EDITORIAL hkfp banner ribbon top

Hong Kong Free Press celebrates seven years online on Wednesday, publishing almost 22,000 news and commentary pieces since our launch, and raising over HK$25 million to fund non-profit, impartial, independent journalism.

As the city’s most transparent news outlet, guided by an Ethics Code, we are externally audited each year and publish details of our finances every January. Today, we are publishing an early update of our 2022 income and spending…

Our yet-to-be-confirmed report, detailing our income and spending, shows that we made a loss of just over HK$46,000 in the first five months of 2022, as costs rose and income dipped.

Unconfirmed HKFP accounts for 2022.
Unverified HKFP accounts for 2022. *January’s uncategorised expenses are merch purchases.

Our number of monthly supporters dipped by 1.2 per cent in 2022, with 1,037 Patrons contributing HK$204,063 per month.

HKFP is powered by the kind support of our monthly Patrons. When you contribute to our newsroom, every cent is put to careful use and goes directly towards frontline journalism and original reporting. Download a copy of our latest Annual Report.

We have rapidly expanded since December, hiring four new staff members, including an editor and multimedia reporter.
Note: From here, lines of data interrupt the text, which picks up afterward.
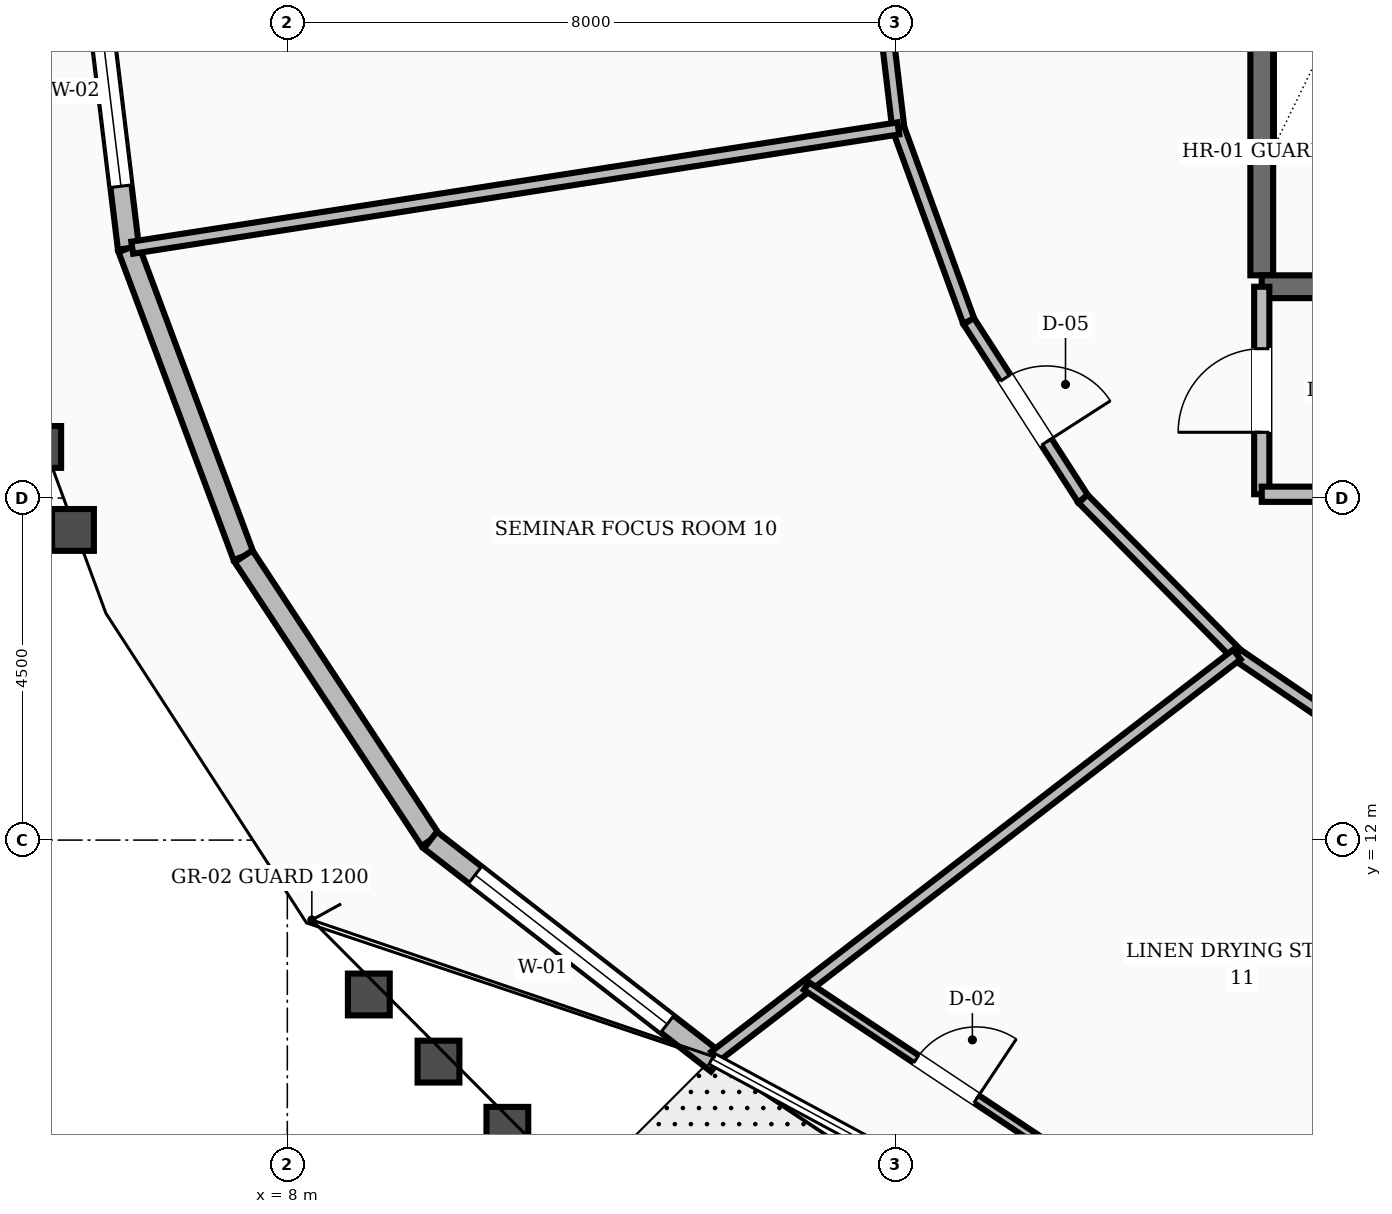
"""IFC4 building model, lengths in metres.
Left out: names, types, materials, properties, quantities, classifications, styles, units other than length and angle.
Written with IfcOpenShell. Run it as: python <this file> out.ifc"""

import sys

from ifc_helpers import new_model, si_unit, direction, frame, frame_2d, origin, place, context, subcontext, project, spatial, rectangle, extrude, element, fill, save


model = new_model("IFC4")
c1 = context("Model", 3, precision=1e-05, world=origin(), true_north=direction((0.0, 1.0)))
c2 = subcontext(c1, "Body", "Model", "MODEL_VIEW")
j1 = project(units=[si_unit("LENGTHUNIT", "METRE"), si_unit("PLANEANGLEUNIT", "RADIAN")], contexts=[c1])
p1 = place(None, origin())
s1 = spatial("IfcSite", under=j1, at=p1, CompositionType="ELEMENT")
p2 = place(p1, origin())
s2 = spatial("IfcBuilding", under=s1, at=p2, CompositionType="ELEMENT")
p3 = place(p2, frame((0.0, 0.0, 55.6)))
s3 = spatial("IfcBuildingStorey", under=s2, at=p3, CompositionType="ELEMENT", Elevation=55.6)
p4 = place(p3, frame((20.82, 19.43, 0.0), z_axis=(0.0, 0.0, 1.0), x_axis=(0.0, 1.0, 0.0)))
e1 = element("IfcWall", 1, at=p4, inside=s3, PredefinedType="SHEAR", context=c2, shape_type="SweptSolid", body=[
    extrude(rectangle(XDim=8.74, YDim=0.3, at=frame_2d((4.37, 0.0))), origin(), (0.0, 0.0, 1.0), 3.6),
])
p5 = place(p3, frame((20.82, 19.28, 0.0), z_axis=(0.0, 0.0, 1.0), x_axis=(1.0, 0.0, 0.0)))
e2 = element("IfcWall", 2, at=p5, inside=s3, PredefinedType="SHEAR", context=c2, shape_type="SweptSolid", body=[
    extrude(rectangle(XDim=3.6, YDim=0.3, at=frame_2d((1.8, 0.0))), origin(), (0.0, 0.0, 1.0), 3.6),
])
p6 = place(p5, frame((1.3, 0.0, 0.0)))
e3 = element("IfcOpeningElement", 3, at=p6, cuts=e2, PredefinedType="OPENING", context=c2, shape_type="SweptSolid", body=[
    extrude(rectangle(XDim=1.1, YDim=2.1, at=frame_2d((0.55, 1.05))), frame((0.0, 0.16, 0.0), z_axis=(0.0, -1.0, 0.0), x_axis=(1.0, 0.0, 0.0)), (0.0, 0.0, 1.0), 0.32),
])
p7 = place(p3, frame((5.399, 24.0, 0.0), z_axis=(0.0, 0.0, 1.0), x_axis=(0.120374306833, -0.992728576326, 0.0)))
e4 = element("IfcWall", 4, at=p7, inside=s3, PredefinedType="STANDARD", context=c2, shape_type="SweptSolid", body=[
    extrude(rectangle(XDim=4.245, YDim=0.28, at=frame_2d((2.123, 0.0))), origin(), (0.0, 0.0, 1.0), 2.65),
])
p8 = place(p7, frame((0.823, 0.0, 0.8)))
e5 = element("IfcOpeningElement", 5, at=p8, cuts=e4, PredefinedType="OPENING", context=c2, shape_type="SweptSolid", body=[
    extrude(rectangle(XDim=2.6, YDim=1.65, at=frame_2d((1.3, 0.825))), frame((0.0, 0.15, 0.0), z_axis=(0.0, -1.0, 0.0), x_axis=(1.0, 0.0, 0.0)), (0.0, 0.0, 1.0), 0.3),
])
p9 = place(p3, frame((5.91, 19.786, 0.0), z_axis=(0.0, 0.0, 1.0), x_axis=(0.349991270329, -0.936752961401, 0.0)))
e6 = element("IfcWall", 6, at=p9, inside=s3, PredefinedType="STANDARD", context=c2, shape_type="SweptSolid", body=[
    extrude(rectangle(XDim=4.326, YDim=0.28, at=frame_2d((2.163, 0.0))), origin(), (0.0, 0.0, 1.0), 2.65),
])
p10 = place(p3, frame((7.424, 15.734, 0.0), z_axis=(0.0, 0.0, 1.0), x_axis=(0.549775955505, -0.835312156471, 0.0)))
e7 = element("IfcWall", 7, at=p10, inside=s3, PredefinedType="STANDARD", context=c2, shape_type="SweptSolid", body=[
    extrude(rectangle(XDim=4.471, YDim=0.28, at=frame_2d((2.235, 0.0))), origin(), (0.0, 0.0, 1.0), 2.65),
])
p11 = place(p3, frame((9.882, 11.999, 0.0), z_axis=(0.0, 0.0, 1.0), x_axis=(0.789753385281, -0.613424478186, 0.0)))
e8 = element("IfcWall", 8, at=p11, inside=s3, PredefinedType="STANDARD", context=c2, shape_type="SweptSolid", body=[
    extrude(rectangle(XDim=4.782, YDim=0.28, at=frame_2d((2.391, 0.0))), origin(), (0.0, 0.0, 1.0), 2.65),
])
p12 = place(p11, frame((0.745, 0.0, 0.8)))
e9 = element("IfcOpeningElement", 9, at=p12, cuts=e8, PredefinedType="OPENING", context=c2, shape_type="SweptSolid", body=[
    extrude(rectangle(XDim=3.2, YDim=1.65, at=frame_2d((1.6, 0.825))), frame((0.0, 0.15, 0.0), z_axis=(0.0, -1.0, 0.0), x_axis=(1.0, 0.0, 0.0)), (0.0, 0.0, 1.0), 0.3),
])
p13 = place(p3, frame((20.82, 16.55, 0.0), z_axis=(0.0, 0.0, 1.0), x_axis=(0.0, 1.0, 0.0)))
e10 = element("IfcWall", 10, at=p13, inside=s3, PredefinedType="SOLIDWALL", context=c2, shape_type="SweptSolid", body=[
    extrude(rectangle(XDim=2.73, YDim=0.2, at=frame_2d((1.365, 0.0))), origin(), (0.0, 0.0, 1.0), 2.61),
])
p14 = place(p13, frame((0.815, 0.0, 0.0)))
e11 = element("IfcOpeningElement", 11, at=p14, cuts=e10, PredefinedType="OPENING", context=c2, shape_type="SweptSolid", body=[
    extrude(rectangle(XDim=1.1, YDim=2.1, at=frame_2d((0.55, 1.05))), frame((0.0, 0.11, 0.0), z_axis=(0.0, -1.0, 0.0), x_axis=(1.0, 0.0, 0.0)), (0.0, 0.0, 1.0), 0.22),
])
p15 = place(p3, frame((20.82, 16.55, 0.0), z_axis=(0.0, 0.0, 1.0), x_axis=(1.0, 0.0, 0.0)))
e12 = element("IfcWall", 12, at=p15, inside=s3, PredefinedType="SOLIDWALL", context=c2, shape_type="SweptSolid", body=[
    extrude(rectangle(XDim=3.98, YDim=0.2, at=frame_2d((1.99, 0.0))), origin(), (0.0, 0.0, 1.0), 2.61),
])
p16 = place(p3, frame((15.726, 24.0, 0.0), z_axis=(0.0, 0.0, 1.0), x_axis=(0.117763961213, -0.99304161516, 0.0)))
e13 = element("IfcWall", 13, at=p16, inside=s3, PredefinedType="SOLIDWALL", context=c2, shape_type="SweptSolid", body=[
    extrude(rectangle(XDim=2.656, YDim=0.16, at=frame_2d((1.328, 0.0))), origin(), (0.0, 0.0, 1.0), 2.61),
])
p17 = place(p3, frame((16.039, 21.363, 0.0), z_axis=(0.0, 0.0, 1.0), x_axis=(0.343013437329, -0.939330496583, 0.0)))
e14 = element("IfcWall", 14, at=p17, inside=s3, PredefinedType="SOLIDWALL", context=c2, shape_type="SweptSolid", body=[
    extrude(rectangle(XDim=2.7, YDim=0.16, at=frame_2d((1.35, 0.0))), origin(), (0.0, 0.0, 1.0), 2.61),
])
p18 = place(p3, frame((16.965, 18.827, 0.0), z_axis=(0.0, 0.0, 1.0), x_axis=(0.541126045017, -0.840941498206, 0.0)))
e15 = element("IfcWall", 15, at=p18, inside=s3, PredefinedType="SOLIDWALL", context=c2, shape_type="SweptSolid", body=[
    extrude(rectangle(XDim=2.779, YDim=0.16, at=frame_2d((1.39, 0.0))), origin(), (0.0, 0.0, 1.0), 2.61),
])
p19 = place(p18, frame((0.89, 0.0, 0.0)))
e16 = element("IfcOpeningElement", 16, at=p19, cuts=e15, PredefinedType="OPENING", context=c2, shape_type="SweptSolid", body=[
    extrude(rectangle(XDim=1.0, YDim=2.1, at=frame_2d((0.5, 1.05))), frame((0.0, 0.09, 0.0), z_axis=(0.0, -1.0, 0.0), x_axis=(1.0, 0.0, 0.0)), (0.0, 0.0, 1.0), 0.18),
])
p20 = place(p3, frame((18.469, 16.49, 0.0), z_axis=(0.0, 0.0, 1.0), x_axis=(0.702811997, -0.711375636969, 0.0)))
e17 = element("IfcWall", 17, at=p20, inside=s3, PredefinedType="SOLIDWALL", context=c2, shape_type="SweptSolid", body=[
    extrude(rectangle(XDim=2.879, YDim=0.16, at=frame_2d((1.44, 0.0))), origin(), (0.0, 0.0, 1.0), 2.61),
])
p21 = place(p3, frame((20.492, 14.441, 0.0), z_axis=(0.0, 0.0, 1.0), x_axis=(0.826293096206, -0.56324037423, 0.0)))
e18 = element("IfcWall", 18, at=p21, inside=s3, PredefinedType="SOLIDWALL", context=c2, shape_type="SweptSolid", body=[
    extrude(rectangle(XDim=2.985, YDim=0.16, at=frame_2d((1.492, 0.0))), origin(), (0.0, 0.0, 1.0), 2.61),
])
p22 = place(p3, frame((16.039, 21.363, 0.0), z_axis=(0.0, 0.0, 1.0), x_axis=(-0.988098124705, -0.153824887305, 0.0)))
e19 = element("IfcWall", 19, at=p22, inside=s3, PredefinedType="SOLIDWALL", context=c2, shape_type="SweptSolid", body=[
    extrude(rectangle(XDim=10.2, YDim=0.16, at=frame_2d((5.1, 0.0))), origin(), (0.0, 0.0, 1.0), 2.61),
])
p23 = place(p3, frame((20.492, 14.441, 0.0), z_axis=(0.0, 0.0, 1.0), x_axis=(-0.792237430117, -0.610212958173, 0.0)))
e20 = element("IfcWall", 20, at=p23, inside=s3, PredefinedType="SOLIDWALL", context=c2, shape_type="SweptSolid", body=[
    extrude(rectangle(XDim=8.667, YDim=0.16, at=frame_2d((4.333, 0.0))), origin(), (0.0, 0.0, 1.0), 2.61),
])
p24 = place(p3, frame((14.83, 10.08, 0.0), z_axis=(0.0, 0.0, 1.0), x_axis=(0.832534364436, -0.553973403724, 0.0)))
e21 = element("IfcWall", 21, at=p24, inside=s3, PredefinedType="PARTITIONING", context=c2, shape_type="SweptSolid", body=[
    extrude(rectangle(XDim=4.42, YDim=0.12, at=frame_2d((2.21, 0.0))), origin(), (0.0, 0.0, 1.0), 2.61),
])
p25 = place(p24, frame((1.735, 0.0, 0.0)))
e22 = element("IfcOpeningElement", 22, at=p25, cuts=e21, PredefinedType="OPENING", context=c2, shape_type="SweptSolid", body=[
    extrude(rectangle(XDim=0.95, YDim=2.1, at=frame_2d((0.475, 1.05))), frame((0.0, 0.07, 0.0), z_axis=(0.0, -1.0, 0.0), x_axis=(1.0, 0.0, 0.0)), (0.0, 0.0, 1.0), 0.14),
])
p26 = place(p8, origin())
e23 = element("IfcWindow", 23, at=p26, inside=s3, PartitioningType="SINGLE_PANEL", PredefinedType="WINDOW", context=c2, shape_type="SweptSolid", body=[
    extrude(rectangle(XDim=2.6, YDim=1.65, at=frame_2d((1.3, 0.825))), frame((0.0, 0.03, 0.0), z_axis=(0.0, -1.0, 0.0), x_axis=(1.0, 0.0, 0.0)), (0.0, 0.0, 1.0), 0.06),
])
fill(e5, e23)
p27 = place(p12, origin())
e24 = element("IfcWindow", 24, at=p27, inside=s3, PartitioningType="SINGLE_PANEL", PredefinedType="WINDOW", context=c2, shape_type="SweptSolid", body=[
    extrude(rectangle(XDim=3.2, YDim=1.65, at=frame_2d((1.6, 0.825))), frame((0.0, 0.03, 0.0), z_axis=(0.0, -1.0, 0.0), x_axis=(1.0, 0.0, 0.0)), (0.0, 0.0, 1.0), 0.06),
])
fill(e9, e24)
p28 = place(p14, origin())
e25 = element("IfcDoor", 25, at=p28, inside=s3, OperationType="SINGLE_SWING_LEFT", PredefinedType="DOOR", context=c2, shape_type="SweptSolid", body=[
    extrude(rectangle(XDim=1.1, YDim=2.1, at=frame_2d((0.55, 1.05))), frame((0.0, 0.025, 0.0), z_axis=(0.0, -1.0, 0.0), x_axis=(1.0, 0.0, 0.0)), (0.0, 0.0, 1.0), 0.05),
])
fill(e11, e25)
p29 = place(p19, origin())
e26 = element("IfcDoor", 26, at=p29, inside=s3, OperationType="SINGLE_SWING_RIGHT", PredefinedType="DOOR", context=c2, shape_type="SweptSolid", body=[
    extrude(rectangle(XDim=1.0, YDim=2.1, at=frame_2d((0.5, 1.05))), frame((0.0, 0.025, 0.0), z_axis=(0.0, -1.0, 0.0), x_axis=(1.0, 0.0, 0.0)), (0.0, 0.0, 1.0), 0.05),
])
fill(e16, e26)
p30 = place(p25, origin())
e27 = element("IfcDoor", 27, at=p30, inside=s3, OperationType="SINGLE_SWING_RIGHT", PredefinedType="DOOR", context=c2, shape_type="SweptSolid", body=[
    extrude(rectangle(XDim=0.95, YDim=2.1, at=frame_2d((0.475, 1.05))), frame((0.0, 0.025, 0.0), z_axis=(0.0, -1.0, 0.0), x_axis=(1.0, 0.0, 0.0)), (0.0, 0.0, 1.0), 0.05),
])
fill(e22, e27)
save(model, sys.argv[1])

This has allowed us to invest in video, photography, court reporting and data journalism. Our 2022 expansion represents our largest full-time team yet.

hkfp team
(Back row) Reporter Peter Lee, Reporter Kelly Ho, Multimedia Reporter Lea Mok, Editor-in-chief Tom Grundy, Associate Editor Mercedes Hutton. (Front row) Reporter Almond Li, Reporter Hillary Leung, Reporter Candice Chau.

In turn, our payroll, insurance and office rent costs rose, whilst web hosting costs are set to rise by 60 per cent this year. HKFP is predicted to make a loss of up to HK$250,000 in 2022, but is able to reinvest its previous surplus.

Current revenue streams:

  • Reader contributions: includes one-off and monthly Patron contributions by cheque/transfer, PayPal and card, as well as merch sales profit and shopping referral links.
  • Ads & content sales: includes ad income from display ads; Apple News & Facebook ads, Google/YouTube ads, directly purchased rate card ads and content sales [from media outlets such as The Guardian, institutions and syndication partners LexisNexis, Dow Jones Factiva & Nordot].
HKFP income
Not-for-profit, run by journalists and completely independent, the HKFP team relies on readers to keep us going and to help safeguard press freedom.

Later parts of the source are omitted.